FLIM can be used to determine whether there are differences in NADH signal distribution in tissues (lymph node and spleen) in control versus HIV-1 BaL infected mice. The method is also useful to establish the correlation between infection sites versus metabolic distribution around the infectious sites. For determining the infection sites in the tissue, the antigen in the infected cryo-sectioned tissues is detected by a FITC-labeled p24 detection antibody. Our 2p-FLIM setup allows for the simultaneous detection of FITC and NADH in two different detection channels with a single excitation wavelength at 780nm and detection with an appropriate dichroic, short pass, and band pass filters. An example of two-photon imaging of p24-FITC and NADH with HIV-1 BaL infected NSG mouse lymph node (cells in the mesenteric lymph nodes of CD34+ hematopoietic stem cell reconstituted mice) tissue is shown in Figure 7 . Consequently, it creates a microscopic framework for contextualizing the “snapshot” tissue images of localized infection with metabolic information, as can be visualized in Figures 7A (p24-FITC), 7B (NADH intensity), and 7C (merged intensity images of p24-FITC and NADH). Thus, 2p-FLIM can be used to determine the correlation between the infection locus and the overall change in metabolic signature via NADH. Figures 7D, E represent NADH’s average FLT and NADH’s longer FLT (bound form) in the HIV-1 infected mouse lymph node tissue.

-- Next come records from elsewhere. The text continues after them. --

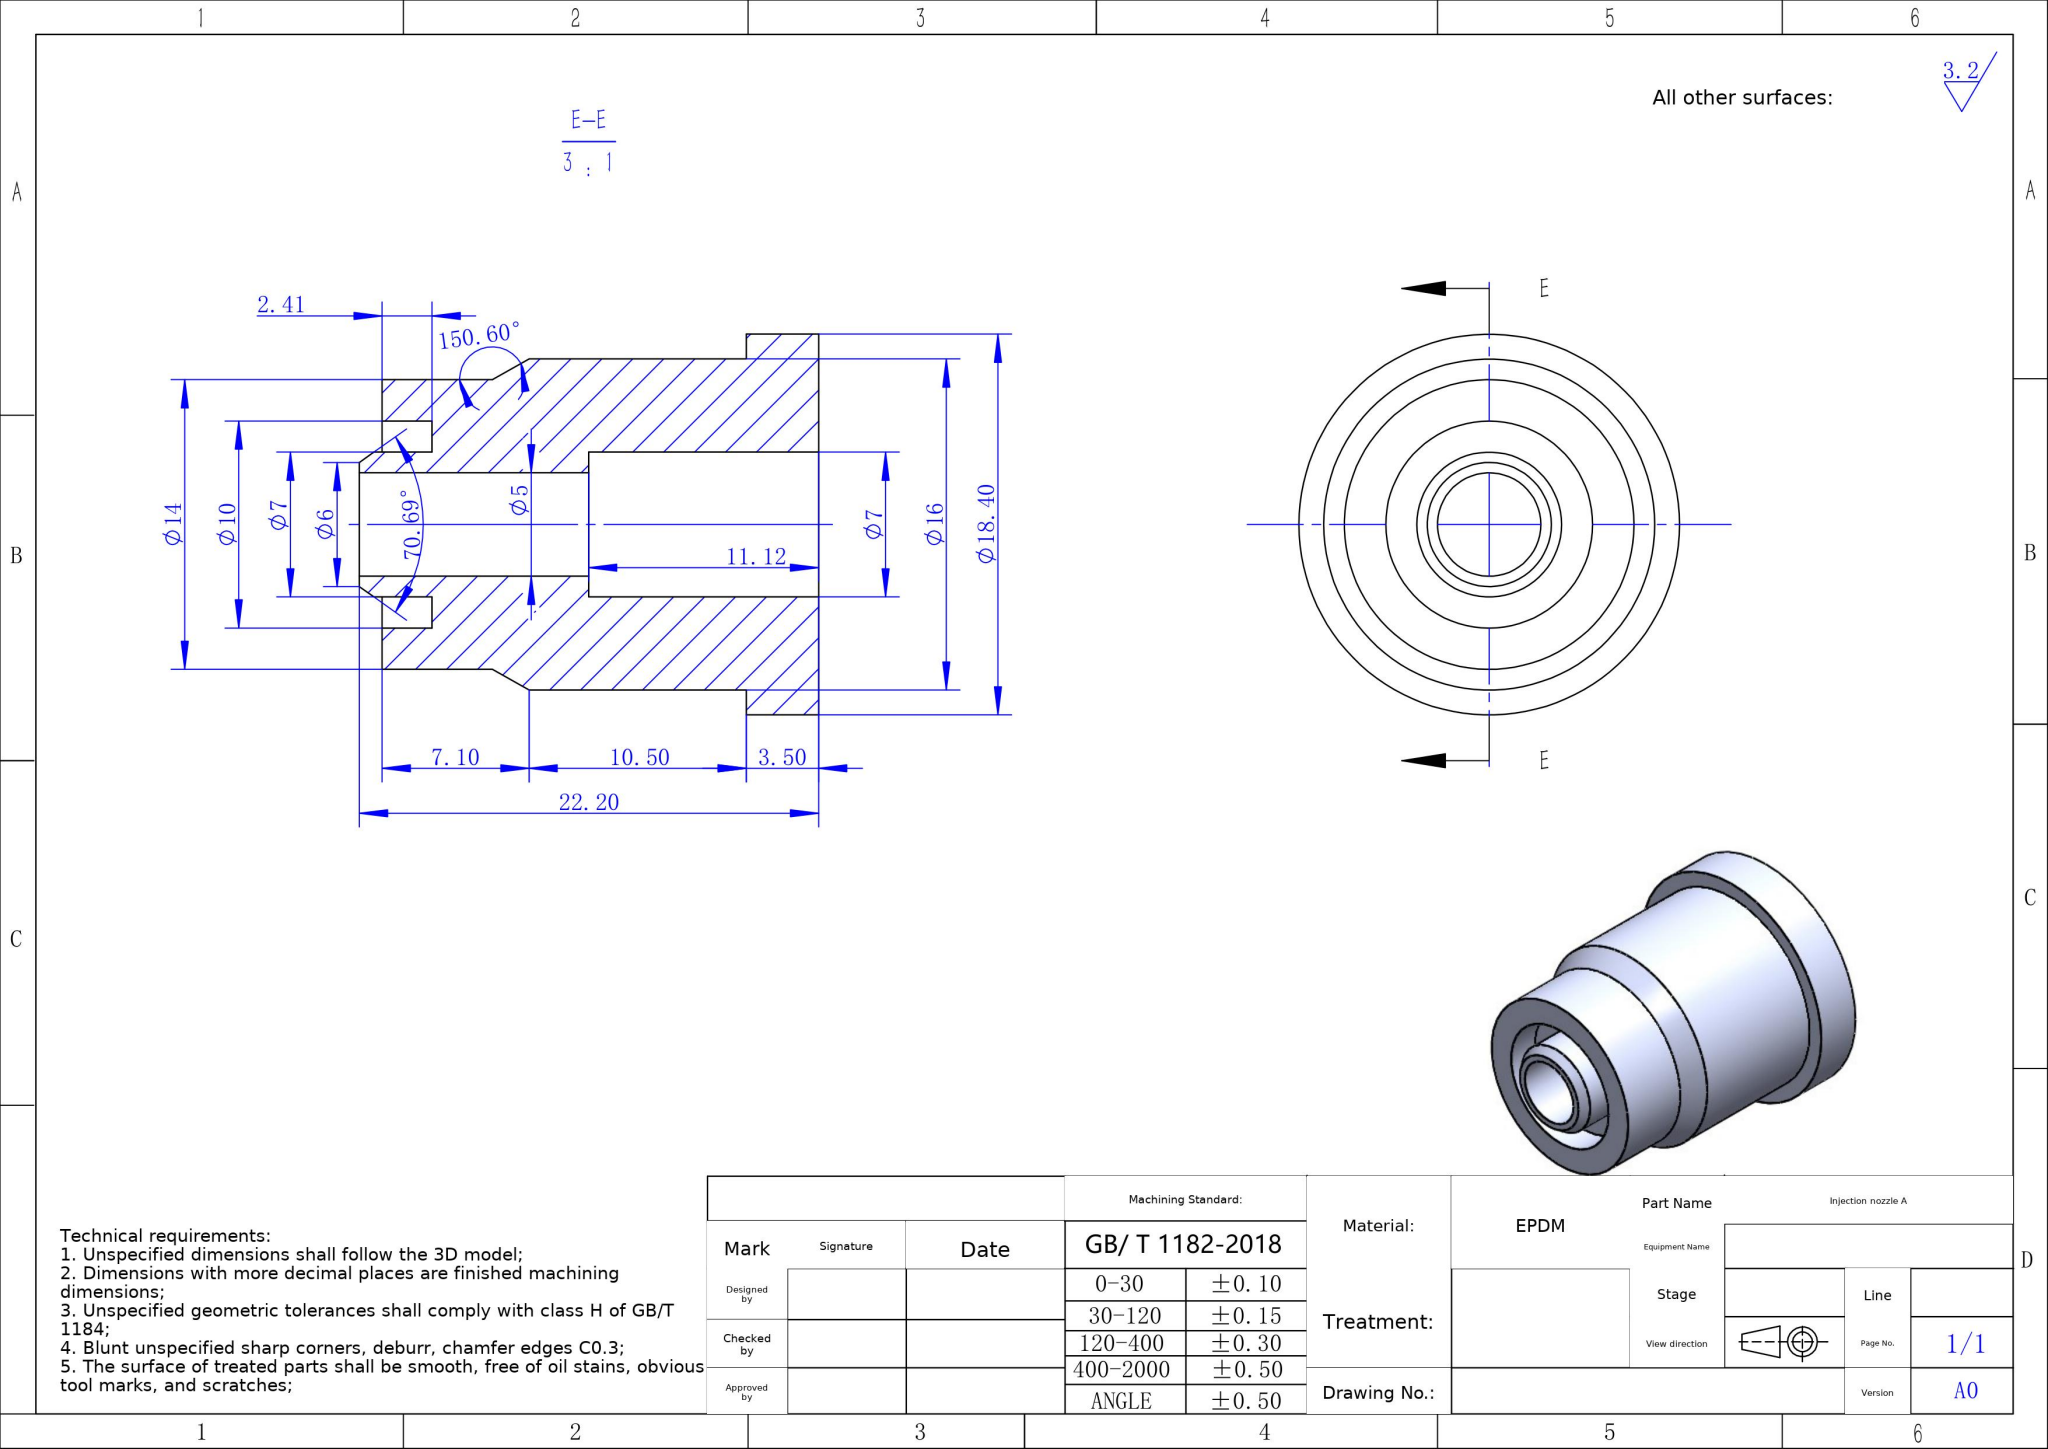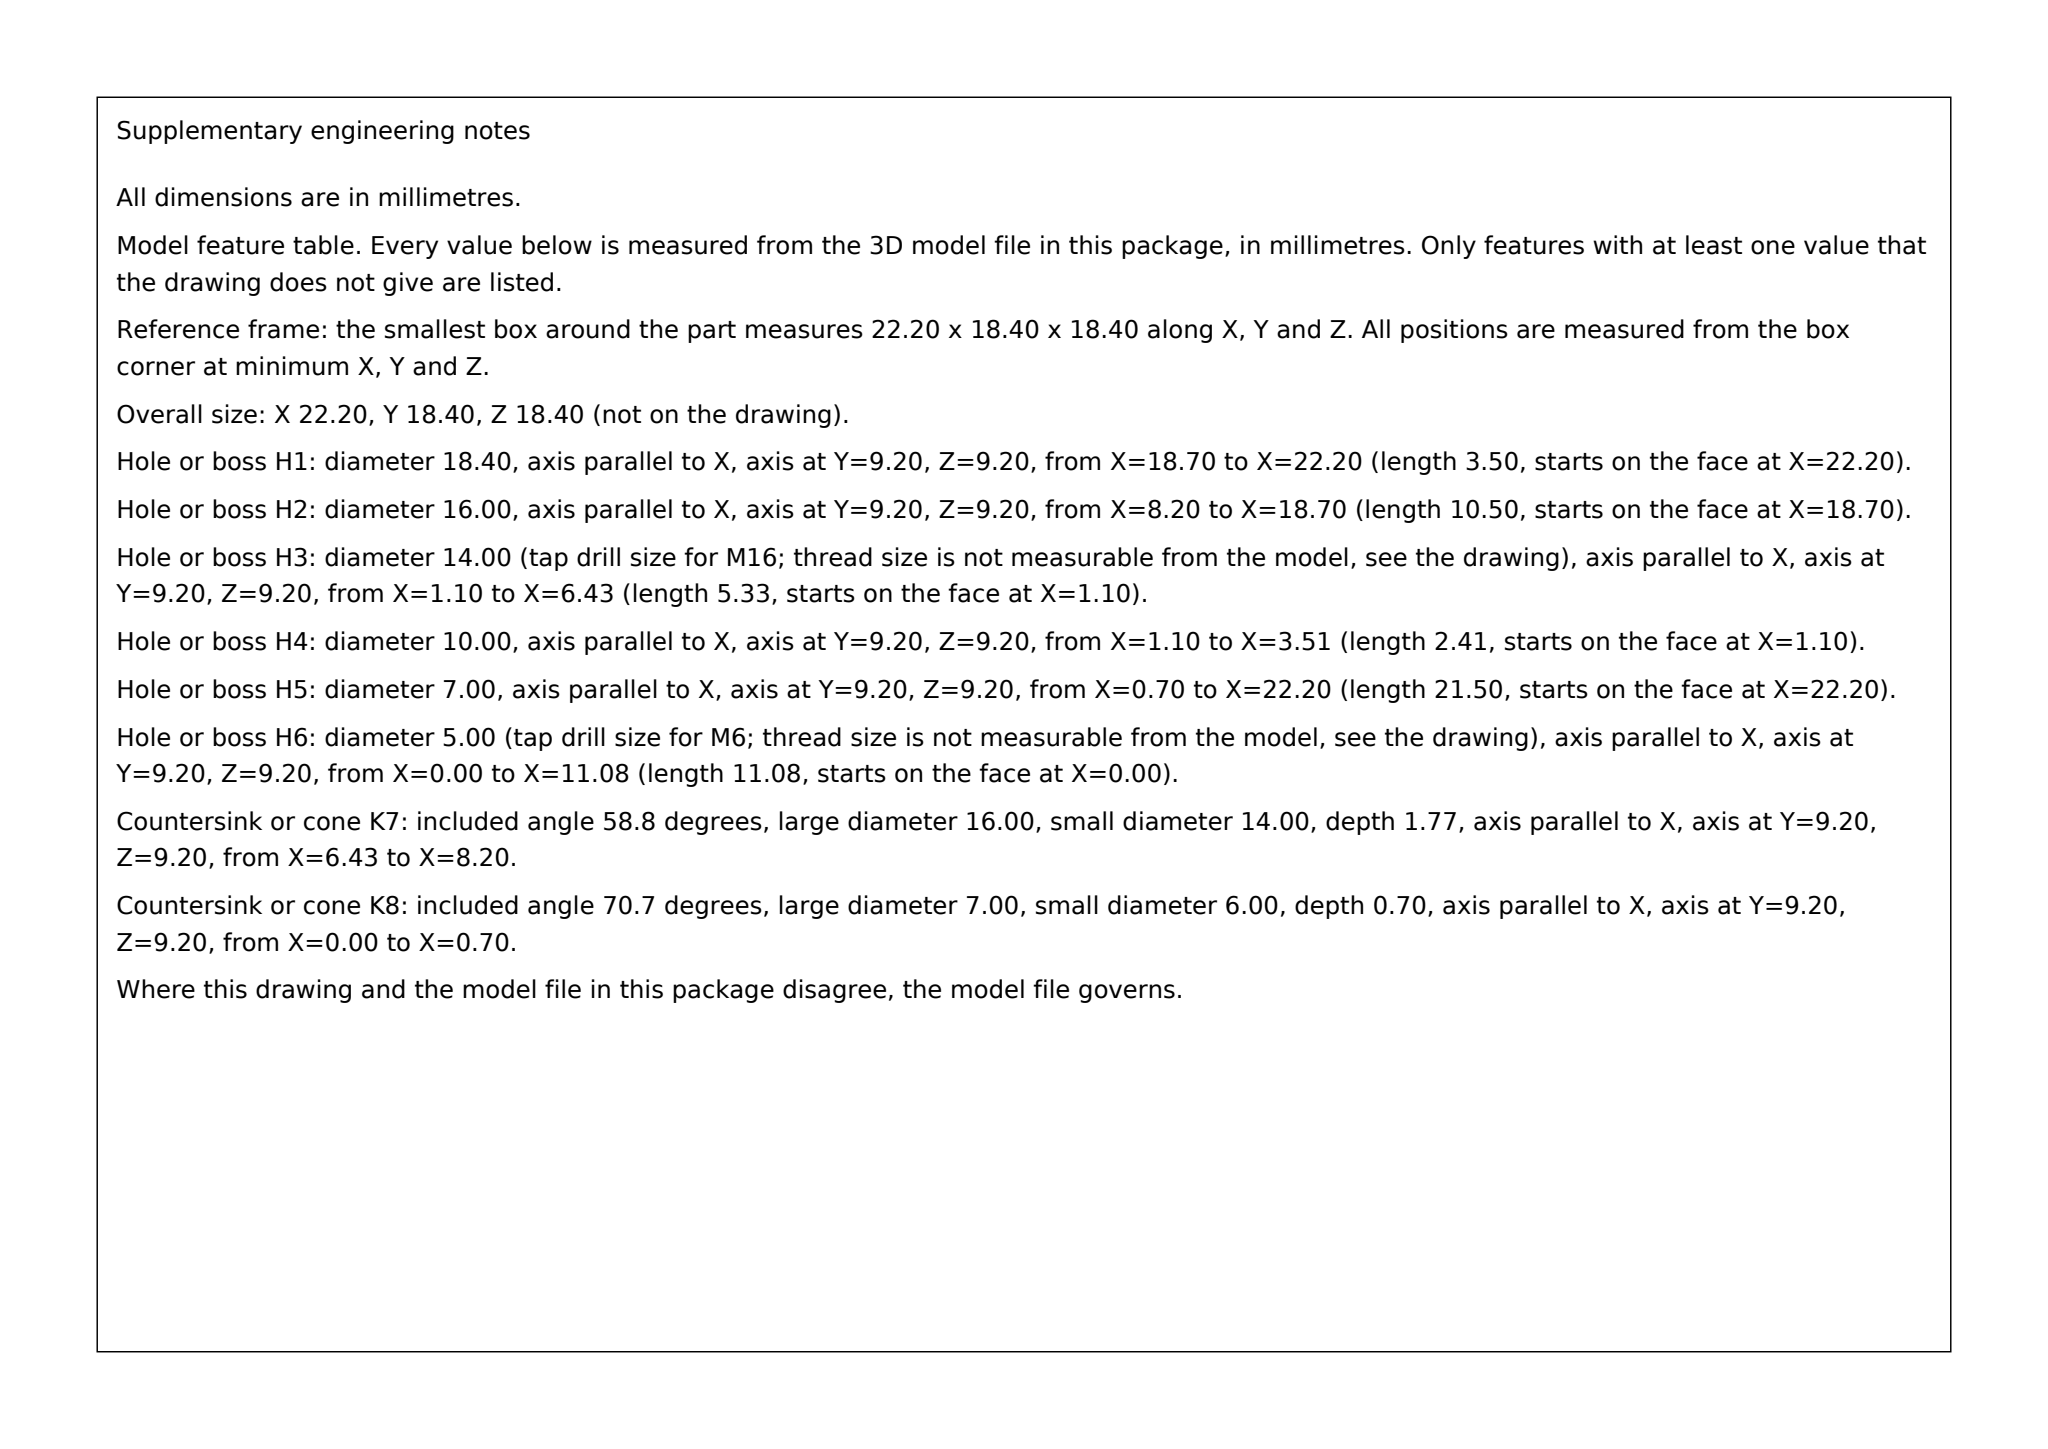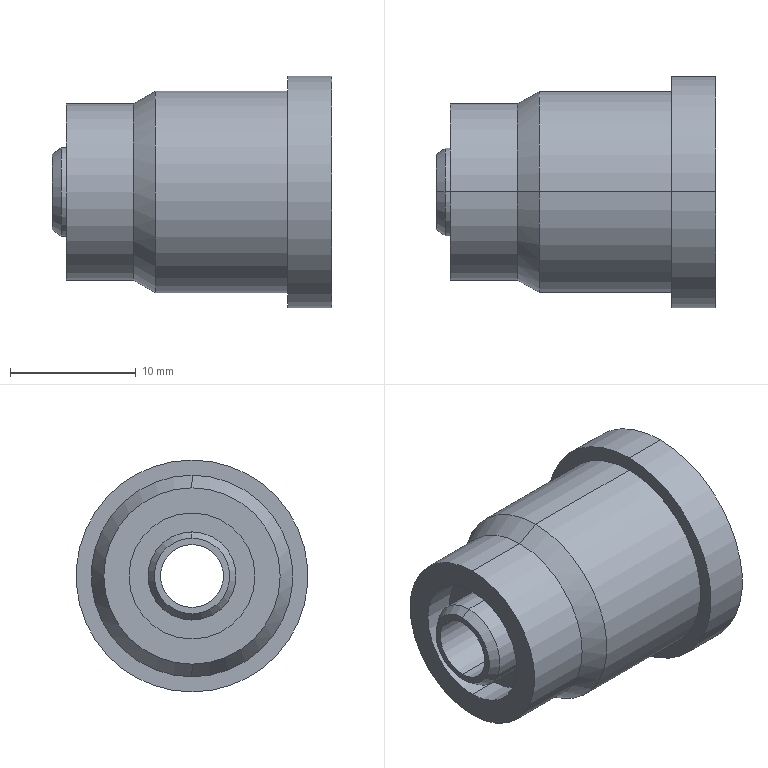Part | SolidWorks | mm | material EPDM | 1 solid | 24 faces | box 22.2 x 18.4 x 18.4 mm | volume 3472 mm3 | cylinder 14 | plane 6 | cone 4 | commonest cylinder face diameters 7 x4 5 x2 10 x2 14 x2 16 x2 18.4 x2
STEP:
#1=CARTESIAN_POINT('',(-32.162,0.,3.));
#2=VERTEX_POINT('',#1);
#3=CARTESIAN_POINT('',(-32.162,0.,-3.));
#4=VERTEX_POINT('',#3);
#5=CARTESIAN_POINT('',(-32.162,0.,0.));
#6=DIRECTION('',(-1.,0.,0.));
#7=DIRECTION('',(0.,0.,1.));
#8=AXIS2_PLACEMENT_3D('',#5,#6,#7);
#9=CIRCLE('',#8,3.);
#10=EDGE_CURVE('',#2,#4,#9,.T.);
#11=ORIENTED_EDGE('',*,*,#10,.F.);
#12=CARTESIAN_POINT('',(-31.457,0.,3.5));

The substantial increase and fraction of longer FLT of NADH correspond with an enzyme-bound fraction is consistent with an increase in oxidative phosphorylation (OxPhos) (4, 52, 53). Indeed, CD4+ T cells with elevated oxidative phosphorylation are selectively infected by HIV-1 (51). Furthermore, the label-free quantitation of endogenous NADH fluorescence by high-spatial and temporal imaging of virally infected systems at single organism, sub-cellular, cellular, and tissue levels provides a mechanistic view of the microbial-host interface involving perturbations in cellular metabolism for future studies ( Figure 8 ). The ability to determine discrete and quantitative changes of NADH lifetimes, label-free and with minimal invasion in cells and tissues, presents an excellent opportunity to evaluate virally induced shifts in metabolism throughout the infection life cycle.